In its memorandum of law, respondent’s attorney contends that the language set forth in Education Law §3209(1)(a)(1)(i)-(v) constitutes the “former” definition of a homeless child.[2]  However, at all times relevant to this appeal, the definition set forth in §3209(1)(a)(1)(i)–(v), as amended by Chapter 101 of the Laws of 2003, has been continuously effective.  I direct respondent’s attention to Chapter 158 of the Laws of 2009, which extends the provisions of Chapter 101 of the Laws of 2003 until June 30, 2010 and is effective retroactively to June 30, 2009.
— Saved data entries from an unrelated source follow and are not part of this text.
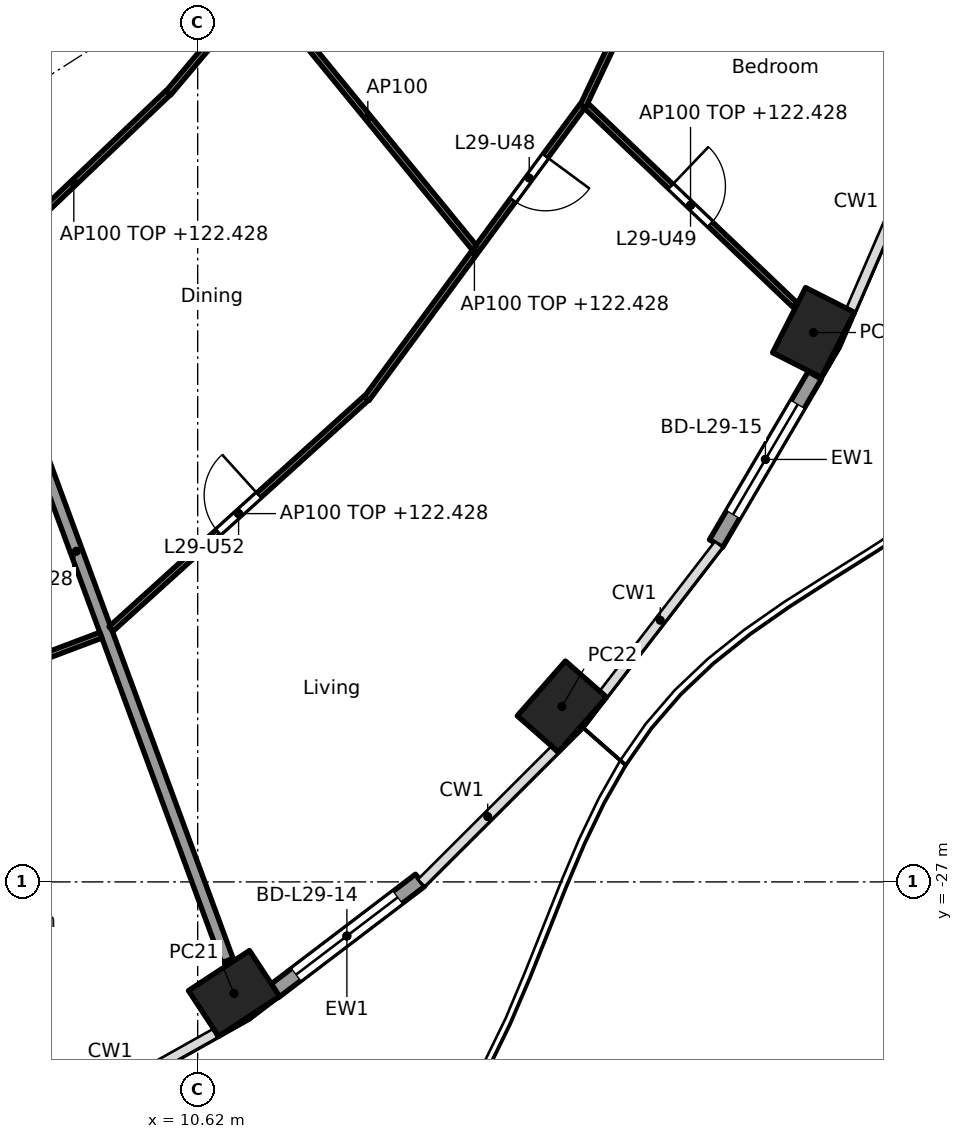
"""IFC4 building model, lengths in metres.
Left out: names, types, materials, properties, quantities, classifications, styles, units other than length and angle.
Written with IfcOpenShell. Run it as: python <this file> out.ifc"""

import sys

from ifc_helpers import new_model, si_unit, direction, frame, frame_2d, origin, origin_2d, place, context, subcontext, project, spatial, rectangle, hollow_rectangle, extrude, element, fill, save


model = new_model("IFC4")
c1 = context("Model", 3, precision=1e-05, world=origin(), true_north=direction((0.0, 1.0)))
c2 = subcontext(c1, "Body", "Model", "MODEL_VIEW")
j1 = project(units=[si_unit("LENGTHUNIT", "METRE"), si_unit("PLANEANGLEUNIT", "RADIAN")], contexts=[c1])
p1 = place(None, origin())
s1 = spatial("IfcSite", under=j1, at=p1, CompositionType="ELEMENT")
p2 = place(p1, origin())
s2 = spatial("IfcBuilding", under=s1, at=p2, CompositionType="ELEMENT")
p3 = place(p2, frame((0.0, 0.0, 119.6)))
s3 = spatial("IfcBuildingStorey", under=s2, at=p3, CompositionType="ELEMENT", Elevation=119.6)
for number, where, z_axis, x_axis in (
    (1, (11.218, -28.834, -0.26), (0.0, 0.0, 1.0), (0.836, 0.549, 0.0)),
    (2, (16.61, -24.115, -0.26), (0.0, 0.0, 1.0), (0.66, 0.751, 0.0)),
    (3, (20.747, -17.965, -0.26), (0.0, 0.0, 1.0), (0.452, 0.892, 0.0)),
):
    element("IfcColumn", number, at=place(p3, frame(where, z_axis=z_axis, x_axis=x_axis)), inside=s3, PredefinedType="COLUMN", context=c2, shape_type="SweptSolid", body=[
        extrude(hollow_rectangle(XDim=1.2, YDim=0.9, WallThickness=0.04, at=origin_2d()), origin(), (0.0, 0.0, 1.0), 3.96),
    ])
p4 = place(p3, frame((14.278, -26.973, 0.0), z_axis=(0.0, 0.0, 1.0), x_axis=(-0.796022231079, -0.605267385233, 0.0)))
e4 = element("IfcWall", 4, at=p4, inside=s3, PredefinedType="SOLIDWALL", context=c2, shape_type="SweptSolid", body=[
    extrude(rectangle(XDim=3.026, YDim=0.25, at=frame_2d((1.513, 0.0))), origin(), (0.0, 0.0, 1.0), 3.44),
])
p5 = place(p4, frame((0.463, 0.0, 0.0)))
e5 = element("IfcOpeningElement", 5, at=p5, cuts=e4, PredefinedType="OPENING", context=c2, shape_type="SweptSolid", body=[
    extrude(rectangle(XDim=2.1, YDim=2.4, at=frame_2d((1.05, 1.2))), frame((0.0, 0.135, 0.0), z_axis=(0.0, -1.0, 0.0), x_axis=(1.0, 0.0, 0.0)), (0.0, 0.0, 1.0), 0.27),
])
p6 = place(p3, frame((20.768, -18.669, 0.0), z_axis=(0.0, 0.0, 1.0), x_axis=(-0.506314982873, -0.862348617508, 0.0)))
e6 = element("IfcWall", 6, at=p6, inside=s3, PredefinedType="SOLIDWALL", context=c2, shape_type="SweptSolid", body=[
    extrude(rectangle(XDim=3.208, YDim=0.25, at=frame_2d((1.604, 0.0))), origin(), (0.0, 0.0, 1.0), 3.44),
])
p7 = place(p6, frame((0.554, 0.0, 0.0)))
e7 = element("IfcOpeningElement", 7, at=p7, cuts=e6, PredefinedType="OPENING", context=c2, shape_type="SweptSolid", body=[
    extrude(rectangle(XDim=2.1, YDim=2.4, at=frame_2d((1.05, 1.2))), frame((0.0, 0.135, 0.0), z_axis=(0.0, -1.0, 0.0), x_axis=(1.0, 0.0, 0.0)), (0.0, 0.0, 1.0), 0.27),
])
p8 = place(p3, frame((6.14, -14.829, 0.0), z_axis=(0.0, 0.0, 1.0), x_axis=(0.346169582481, -0.938171956608, 0.0)))
e8 = element("IfcWall", 8, at=p8, inside=s3, PredefinedType="PARTITIONING", context=c2, shape_type="SweptSolid", body=[
    extrude(rectangle(XDim=14.354, YDim=0.2, at=frame_2d((7.177, 0.0))), origin(), (0.0, 0.0, 1.0), 2.828),
])
p9 = place(p3, frame((4.178, -24.773, 0.0), z_axis=(0.0, 0.0, 1.0), x_axis=(0.935583811437, 0.353104703702, 0.0)))
e9 = element("IfcWall", 9, at=p9, inside=s3, PredefinedType="PARTITIONING", context=c2, shape_type="SweptSolid", body=[
    extrude(rectangle(XDim=5.184, YDim=0.1, at=frame_2d((2.592, 0.0))), origin(), (0.0, 0.0, 1.0), 2.828),
])
p10 = place(p3, frame((7.032, -16.98, 0.0), z_axis=(0.0, 0.0, 1.0), x_axis=(0.723709759148, 0.690104473622, 0.0)))
e10 = element("IfcWall", 10, at=p10, inside=s3, PredefinedType="PARTITIONING", context=c2, shape_type="SweptSolid", body=[
    extrude(rectangle(XDim=4.286, YDim=0.1, at=frame_2d((2.143, 0.0))), origin(), (0.0, 0.0, 1.0), 2.828),
])
p11 = place(p3, frame((9.195, -22.84, 0.0), z_axis=(0.0, 0.0, 1.0), x_axis=(0.741675855479, 0.670758470241, 0.0)))
e11 = element("IfcWall", 11, at=p11, inside=s3, PredefinedType="PARTITIONING", context=c2, shape_type="SweptSolid", body=[
    extrude(rectangle(XDim=5.656, YDim=0.1, at=frame_2d((2.828, 0.0))), origin(), (0.0, 0.0, 1.0), 2.828),
])
p12 = place(p11, frame((2.378, 0.0, 0.0)))
e12 = element("IfcOpeningElement", 12, at=p12, cuts=e11, PredefinedType="OPENING", context=c2, shape_type="SweptSolid", body=[
    extrude(rectangle(XDim=0.9, YDim=2.1, at=frame_2d((0.45, 1.05))), frame((0.0, 0.06, 0.0), z_axis=(0.0, -1.0, 0.0), x_axis=(1.0, 0.0, 0.0)), (0.0, 0.0, 1.0), 0.12),
])
p13 = place(p3, frame((10.138, -14.026, 0.0), z_axis=(0.0, 0.0, 1.0), x_axis=(0.644051444483, 0.764982180746, 0.0)))
e13 = element("IfcWall", 13, at=p13, inside=s3, PredefinedType="PARTITIONING", context=c2, shape_type="SweptSolid", body=[
    extrude(rectangle(XDim=4.548, YDim=0.1, at=frame_2d((2.274, 0.0))), origin(), (0.0, 0.0, 1.0), 2.828),
])
p14 = place(p13, frame((2.986, 0.0, 0.0)))
e14 = element("IfcOpeningElement", 14, at=p14, cuts=e13, PredefinedType="OPENING", context=c2, shape_type="SweptSolid", body=[
    extrude(rectangle(XDim=0.9, YDim=2.1, at=frame_2d((0.45, 1.05))), frame((0.0, 0.06, 0.0), z_axis=(0.0, -1.0, 0.0), x_axis=(1.0, 0.0, 0.0)), (0.0, 0.0, 1.0), 0.12),
])
p15 = place(p3, frame((13.397, -19.053, 0.0), z_axis=(0.0, 0.0, 1.0), x_axis=(0.593522299069, 0.804817544856, 0.0)))
e15 = element("IfcWall", 15, at=p15, inside=s3, PredefinedType="PARTITIONING", context=c2, shape_type="SweptSolid", body=[
    extrude(rectangle(XDim=5.976, YDim=0.1, at=frame_2d((2.988, 0.0))), origin(), (0.0, 0.0, 1.0), 2.828),
])
p16 = place(p15, frame((4.057, 0.0, 0.0)))
e16 = element("IfcOpeningElement", 16, at=p16, cuts=e15, PredefinedType="OPENING", context=c2, shape_type="SweptSolid", body=[
    extrude(rectangle(XDim=0.9, YDim=2.1, at=frame_2d((0.45, 1.05))), frame((0.0, 0.06, 0.0), z_axis=(0.0, -1.0, 0.0), x_axis=(1.0, 0.0, 0.0)), (0.0, 0.0, 1.0), 0.12),
])
p17 = place(p3, frame((11.667, -12.287, 0.0), z_axis=(0.0, 0.0, 1.0), x_axis=(0.633038312428, -0.774120465431, 0.0)))
e17 = element("IfcWall", 17, at=p17, inside=s3, PredefinedType="PARTITIONING", context=c2, shape_type="SweptSolid", body=[
    extrude(rectangle(XDim=5.532, YDim=0.1, at=frame_2d((2.766, 0.0))), origin(), (0.0, 0.0, 1.0), 3.44),
])
p18 = place(p3, frame((17.01, -14.238, 0.0), z_axis=(0.0, 0.0, 1.0), x_axis=(0.723650186498, -0.690166941821, 0.0)))
e18 = element("IfcWall", 18, at=p18, inside=s3, PredefinedType="PARTITIONING", context=c2, shape_type="SweptSolid", body=[
    extrude(rectangle(XDim=4.74, YDim=0.1, at=frame_2d((2.37, 0.0))), origin(), (0.0, 0.0, 1.0), 2.828),
])
p19 = place(p18, frame((1.92, 0.0, 0.0)))
e19 = element("IfcOpeningElement", 19, at=p19, cuts=e18, PredefinedType="OPENING", context=c2, shape_type="SweptSolid", body=[
    extrude(rectangle(XDim=0.9, YDim=2.1, at=frame_2d((0.45, 1.05))), frame((0.0, 0.06, 0.0), z_axis=(0.0, -1.0, 0.0), x_axis=(1.0, 0.0, 0.0)), (0.0, 0.0, 1.0), 0.12),
])
p20 = place(p3, frame((16.953, -14.249, 0.0), z_axis=(0.0, 0.0, 1.0), x_axis=(0.427456178439, 0.904036069808, 0.0)))
e20 = element("IfcWall", 20, at=p20, inside=s3, PredefinedType="PARTITIONING", context=c2, shape_type="SweptSolid", body=[
    extrude(rectangle(XDim=6.113, YDim=0.1, at=frame_2d((3.057, 0.0))), origin(), (0.0, 0.0, 1.0), 2.828),
])
p21 = place(p5, origin())
e21 = element("IfcDoor", 21, at=p21, inside=s3, OperationType="SLIDING_TO_LEFT", PredefinedType="DOOR", context=c2, shape_type="SweptSolid", body=[
    extrude(rectangle(XDim=2.1, YDim=2.4, at=frame_2d((1.05, 1.2))), frame((0.0, 0.025, 0.0), z_axis=(0.0, -1.0, 0.0), x_axis=(1.0, 0.0, 0.0)), (0.0, 0.0, 1.0), 0.05),
])
fill(e5, e21)
p22 = place(p7, origin())
e22 = element("IfcDoor", 22, at=p22, inside=s3, OperationType="SLIDING_TO_LEFT", PredefinedType="DOOR", context=c2, shape_type="SweptSolid", body=[
    extrude(rectangle(XDim=2.1, YDim=2.4, at=frame_2d((1.05, 1.2))), frame((0.0, 0.025, 0.0), z_axis=(0.0, -1.0, 0.0), x_axis=(1.0, 0.0, 0.0)), (0.0, 0.0, 1.0), 0.05),
])
fill(e7, e22)
p23 = place(p16, frame((0.9, 0.0, 0.0), x_axis=(-1.0, 0.0, 0.0)))
e23 = element("IfcDoor", 23, at=p23, inside=s3, OperationType="SINGLE_SWING_LEFT", PredefinedType="DOOR", context=c2, shape_type="SweptSolid", body=[
    extrude(rectangle(XDim=0.9, YDim=2.1, at=frame_2d((0.45, 1.05))), frame((0.0, 0.025, 0.0), z_axis=(0.0, -1.0, 0.0), x_axis=(1.0, 0.0, 0.0)), (0.0, 0.0, 1.0), 0.05),
])
fill(e16, e23)
p24 = place(p19, origin())
e24 = element("IfcDoor", 24, at=p24, inside=s3, OperationType="SINGLE_SWING_LEFT", PredefinedType="DOOR", context=c2, shape_type="SweptSolid", body=[
    extrude(rectangle(XDim=0.9, YDim=2.1, at=frame_2d((0.45, 1.05))), frame((0.0, 0.025, 0.0), z_axis=(0.0, -1.0, 0.0), x_axis=(1.0, 0.0, 0.0)), (0.0, 0.0, 1.0), 0.05),
])
fill(e19, e24)
p25 = place(p12, origin())
e25 = element("IfcDoor", 25, at=p25, inside=s3, OperationType="SINGLE_SWING_RIGHT", PredefinedType="DOOR", context=c2, shape_type="SweptSolid", body=[
    extrude(rectangle(XDim=0.9, YDim=2.1, at=frame_2d((0.45, 1.05))), frame((0.0, 0.025, 0.0), z_axis=(0.0, -1.0, 0.0), x_axis=(1.0, 0.0, 0.0)), (0.0, 0.0, 1.0), 0.05),
])
fill(e12, e25)
save(model, sys.argv[1])

Despite this misstatement of the law, respondent’s determination in this case nevertheless included an analysis of whether the student is sharing the housing of others due to economic hardship or a similar reason.  In its memorandum of law, respondent contends that petitioner and the student “have a fixed, regular nighttime residence and there is no evidence that their residence is inadequate.”  Respondent also asserts:

[T]he only “other persons” whom [sic] [the student] allegedly shares a residence with are his mother ... and grandparents .... Also, insofar as Petitioner claims to be sharing the housing of other persons due to economic hardship, she has failed to proffer any evidence in support of this claim other than her own statements ....

Because the record before me indicates that respondent performed the relevant analysis for determining whether the student is homeless, I conclude that respondent’s misstatement of the law did not affect the outcome of this appeal.      Accordingly, I cannot conclude that respondent’s determination was arbitrary, capricious or unreasonable.



[1] Respondent submits a copy of a “Change of Student Status” form dated February 25, 2009, indicating that as of February 24, 2009 respondent changed the student’s enrollment status to “Withdrawal – Moved out of District.”

[2] Specifically, in an affidavit in opposition to petitioner’s request for interim relief, respondent’s attorney states:  “Although the previous definition (which contains references to potential homeless situations) is effective through June 30, 2009, it is clear that the legislature is focusing the homelessness inquiry on whether the child ‘lacks a fixed, regular and adequate nighttime residence,’ rather than diverting the focus to whether a child may fall under one of the potential homeless situations provided in the pre-amendment version of section 3209(a)(1).”